Adsorption purification can be performed by contact (mixing the oil with ground adsorbent), percolation (the oil passes through a layer of sorbent) and counter-current (oil and adsorbent move in the opposite direction).
Contact purification is widely used due to simplicity of equipment and capability to apply such common sorbent as bleaching clay. After capturing all impurities, the adsorbent is removed from the mixture by filtration, which complicates the process, the efficiency of which depends on the temperature and contact duration. At higher temperatures, the efficiency of such purification decreases due to Brownian motion of oil molecules, while low temperature also reduces efficiency due to high oil viscosity.
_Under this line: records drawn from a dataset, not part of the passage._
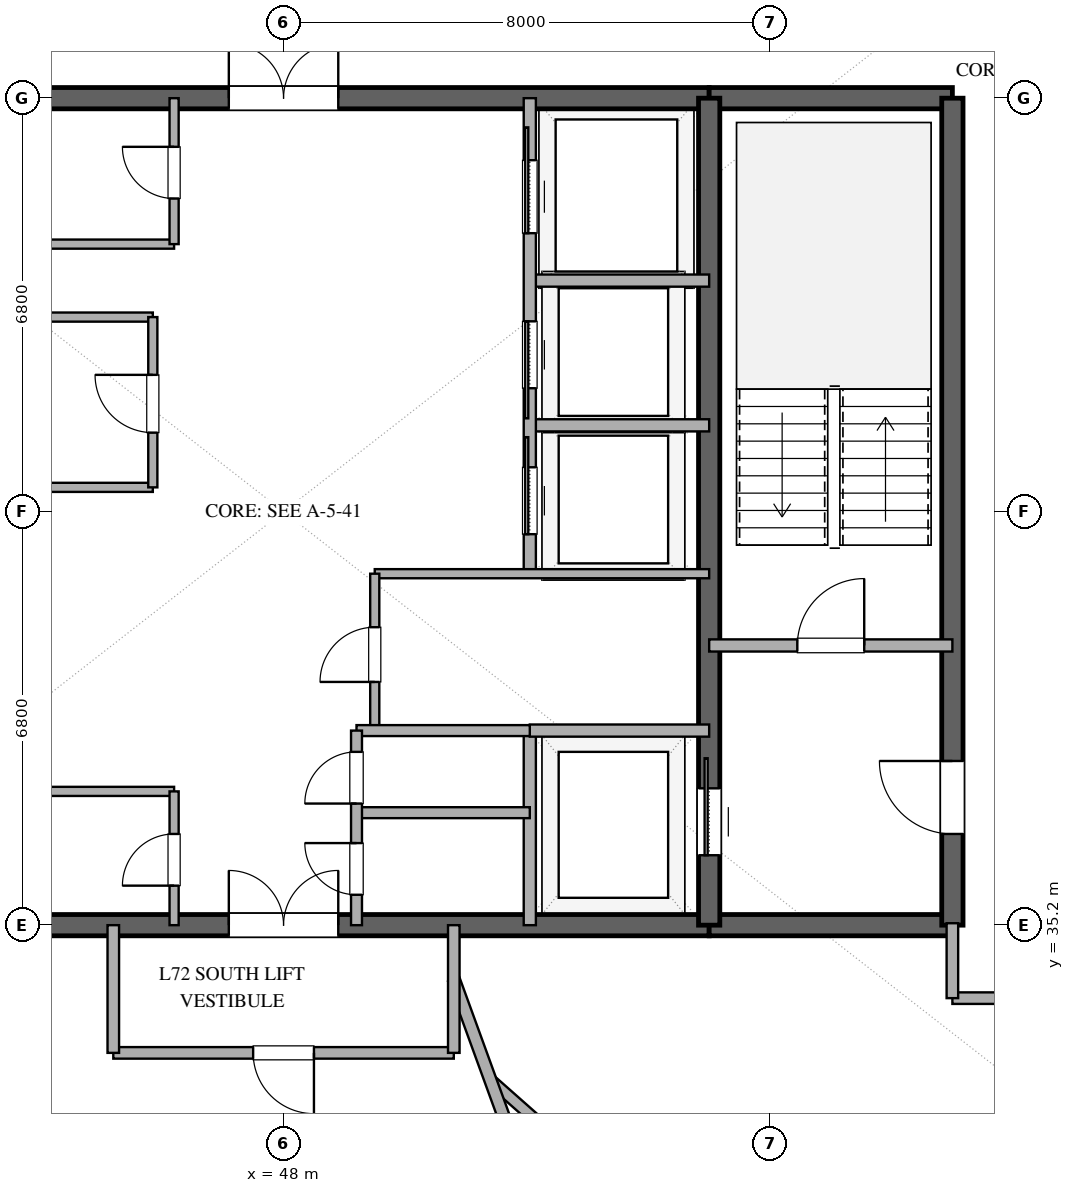
"""IFC4 building model, lengths in metres.
Left out: names, types, materials, properties, quantities, classifications, styles, units other than length and angle.
Written with IfcOpenShell. Run it as: python <this file> out.ifc"""

import sys

from ifc_helpers import new_model, si_unit, direction, frame, frame_2d, origin, place, context, subcontext, project, spatial, rectangle, extrude, element, fill, save


model = new_model("IFC4")
c1 = context("Model", 3, precision=1e-05, world=origin(), true_north=direction((0.0, 1.0)))
c2 = subcontext(c1, "Body", "Model", "MODEL_VIEW")
j1 = project(units=[si_unit("LENGTHUNIT", "METRE"), si_unit("PLANEANGLEUNIT", "RADIAN")], contexts=[c1])
p1 = place(None, origin())
s1 = spatial("IfcSite", under=j1, at=p1, CompositionType="ELEMENT")
p2 = place(p1, origin())
s2 = spatial("IfcBuilding", under=s1, at=p2, CompositionType="ELEMENT")
p3 = place(p2, frame((0.0, 0.0, 280.2)))
s3 = spatial("IfcBuildingStorey", under=s2, at=p3, CompositionType="ELEMENT", Elevation=280.2)
p4 = place(p3, frame((41.0, 35.2, 0.0), z_axis=(0.0, 0.0, 1.0), x_axis=(1.0, 0.0, 0.0)))
e1 = element("IfcWall", 1, at=p4, inside=s3, PredefinedType="SHEAR", context=c2, shape_type="SweptSolid", body=[
    extrude(rectangle(XDim=14.0, YDim=0.35, at=frame_2d((7.0, 0.0))), origin(), (0.0, 0.0, 1.0), 3.37),
])
p5 = place(p4, frame((6.1, 0.0, 0.0)))
e2 = element("IfcOpeningElement", 2, at=p5, cuts=e1, PredefinedType="OPENING", context=c2, shape_type="SweptSolid", body=[
    extrude(rectangle(XDim=1.8, YDim=2.25, at=frame_2d((0.9, 1.125))), frame((0.0, 0.185, 0.0), z_axis=(0.0, -1.0, 0.0), x_axis=(1.0, 0.0, 0.0)), (0.0, 0.0, 1.0), 0.37),
])
p6 = place(p3, frame((55.0, 35.2, 0.0), z_axis=(0.0, 0.0, 1.0), x_axis=(1.0, 0.0, 0.0)))
e3 = element("IfcWall", 3, at=p6, inside=s3, PredefinedType="SHEAR", context=c2, shape_type="SweptSolid", body=[
    extrude(rectangle(XDim=4.0, YDim=0.35, at=frame_2d((2.0, 0.0))), origin(), (0.0, 0.0, 1.0), 3.37),
])
p7 = place(p3, frame((41.0, 48.8, 0.0), z_axis=(0.0, 0.0, 1.0), x_axis=(1.0, 0.0, 0.0)))
e4 = element("IfcWall", 4, at=p7, inside=s3, PredefinedType="SHEAR", context=c2, shape_type="SweptSolid", body=[
    extrude(rectangle(XDim=14.0, YDim=0.35, at=frame_2d((7.0, 0.0))), origin(), (0.0, 0.0, 1.0), 3.37),
])
p8 = place(p7, frame((6.1, 0.0, 0.0)))
e5 = element("IfcOpeningElement", 5, at=p8, cuts=e4, PredefinedType="OPENING", context=c2, shape_type="SweptSolid", body=[
    extrude(rectangle(XDim=1.8, YDim=2.25, at=frame_2d((0.9, 1.125))), frame((0.0, 0.185, 0.0), z_axis=(0.0, -1.0, 0.0), x_axis=(1.0, 0.0, 0.0)), (0.0, 0.0, 1.0), 0.37),
])
p9 = place(p3, frame((55.0, 48.8, 0.0), z_axis=(0.0, 0.0, 1.0), x_axis=(1.0, 0.0, 0.0)))
e6 = element("IfcWall", 6, at=p9, inside=s3, PredefinedType="SHEAR", context=c2, shape_type="SweptSolid", body=[
    extrude(rectangle(XDim=4.0, YDim=0.35, at=frame_2d((2.0, 0.0))), origin(), (0.0, 0.0, 1.0), 3.37),
])
p10 = place(p3, frame((59.0, 35.2, 0.0), z_axis=(0.0, 0.0, 1.0), x_axis=(0.0, 1.0, 0.0)))
e7 = element("IfcWall", 7, at=p10, inside=s3, PredefinedType="SHEAR", context=c2, shape_type="SweptSolid", body=[
    extrude(rectangle(XDim=13.6, YDim=0.35, at=frame_2d((6.8, 0.0))), origin(), (0.0, 0.0, 1.0), 3.37),
])
p11 = place(p10, frame((1.5, 0.0, 0.0)))
e8 = element("IfcOpeningElement", 8, at=p11, cuts=e7, PredefinedType="OPENING", context=c2, shape_type="SweptSolid", body=[
    extrude(rectangle(XDim=1.2, YDim=2.15, at=frame_2d((0.6, 1.075))), frame((0.0, 0.185, 0.0), z_axis=(0.0, -1.0, 0.0), x_axis=(1.0, 0.0, 0.0)), (0.0, 0.0, 1.0), 0.37),
])
p12 = place(p3, frame((55.0, 35.2, 0.0), z_axis=(0.0, 0.0, 1.0), x_axis=(0.0, 1.0, 0.0)))
e9 = element("IfcWall", 9, at=p12, inside=s3, PredefinedType="SHEAR", context=c2, shape_type="SweptSolid", body=[
    extrude(rectangle(XDim=13.6, YDim=0.35, at=frame_2d((6.8, 0.0))), origin(), (0.0, 0.0, 1.0), 3.37),
])
p13 = place(p12, frame((1.15, 0.0, 0.0)))
e10 = element("IfcOpeningElement", 10, at=p13, cuts=e9, PredefinedType="OPENING", context=c2, shape_type="SweptSolid", body=[
    extrude(rectangle(XDim=1.1, YDim=2.2, at=frame_2d((0.55, 1.1))), frame((0.0, 0.185, 0.0), z_axis=(0.0, -1.0, 0.0), x_axis=(1.0, 0.0, 0.0)), (0.0, 0.0, 1.0), 0.37),
])
p14 = place(p3, frame((55.0, 39.8, 0.0), z_axis=(0.0, 0.0, 1.0), x_axis=(1.0, 0.0, 0.0)))
e11 = element("IfcWall", 11, at=p14, inside=s3, PredefinedType="SOLIDWALL", context=c2, shape_type="SweptSolid", body=[
    extrude(rectangle(XDim=4.0, YDim=0.2, at=frame_2d((2.0, 0.0))), origin(), (0.0, 0.0, 1.0), 2.73),
])
p15 = place(p14, frame((1.45, 0.0, 0.0)))
e12 = element("IfcOpeningElement", 12, at=p15, cuts=e11, PredefinedType="OPENING", context=c2, shape_type="SweptSolid", body=[
    extrude(rectangle(XDim=1.1, YDim=2.15, at=frame_2d((0.55, 1.075))), frame((0.0, 0.11, 0.0), z_axis=(0.0, -1.0, 0.0), x_axis=(1.0, 0.0, 0.0)), (0.0, 0.0, 1.0), 0.22),
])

Normally, process temperature is maintained within 150…200°С range for motor oil and 70…75°С for transformer oil. Contact duration with intensive mixing takes no more than 30 minutes. The drawback of this method is the need to dispose of large amount of sorbent, an environmental hazard.
Percolation method requires less adsorbent. Quality of the process is influenced by the degree of contact of the oil with the sorbent media, inversely proportional media granule size and oil viscosity due to low temperature, so the process temperature is selected for the lowest possible oil viscosity. Process quality drops with sorbent saturation; the material must be changed or reactivated from time to time. Silica gel is commonly used in percolation purification processes.
The most promising method is adsorption in a moving adsorbent layer. The process is continuous and requires no change, reactivation or filtration of sorbent. The idea is to supply both components of the process into the system at the same time: thinned oil comes in from the bottom, finely dispersed adsorbent comes in from the top and passes downwards, capturing impurities. The sorbent the goes for reactivation and returns into the system, i.e. circulates in the system continuously. The temperature of the process is kept at about 40°С, since oil viscosity is low due to 1:1 thinning with solvents, such as gasoline. Microspherical granules (0.2 – 0.5mm) of alumina silicate, natural bleaching clays or other synthetic or natural sorbents. Purification of oil in a moving sorbent layer significantly improves the yield of purified oil and its quality compared to other adsorption purification methods. However, wide application of this process is hindered by the complexity of associated equipment.
As adsorbents capture impurities from the oil, they become saturated and lose their efficiency; the media must subsequently be reactivated or replaced (in case of low cost sorbent media).
Sometimes, sorbents are thermally or chemically activated before use.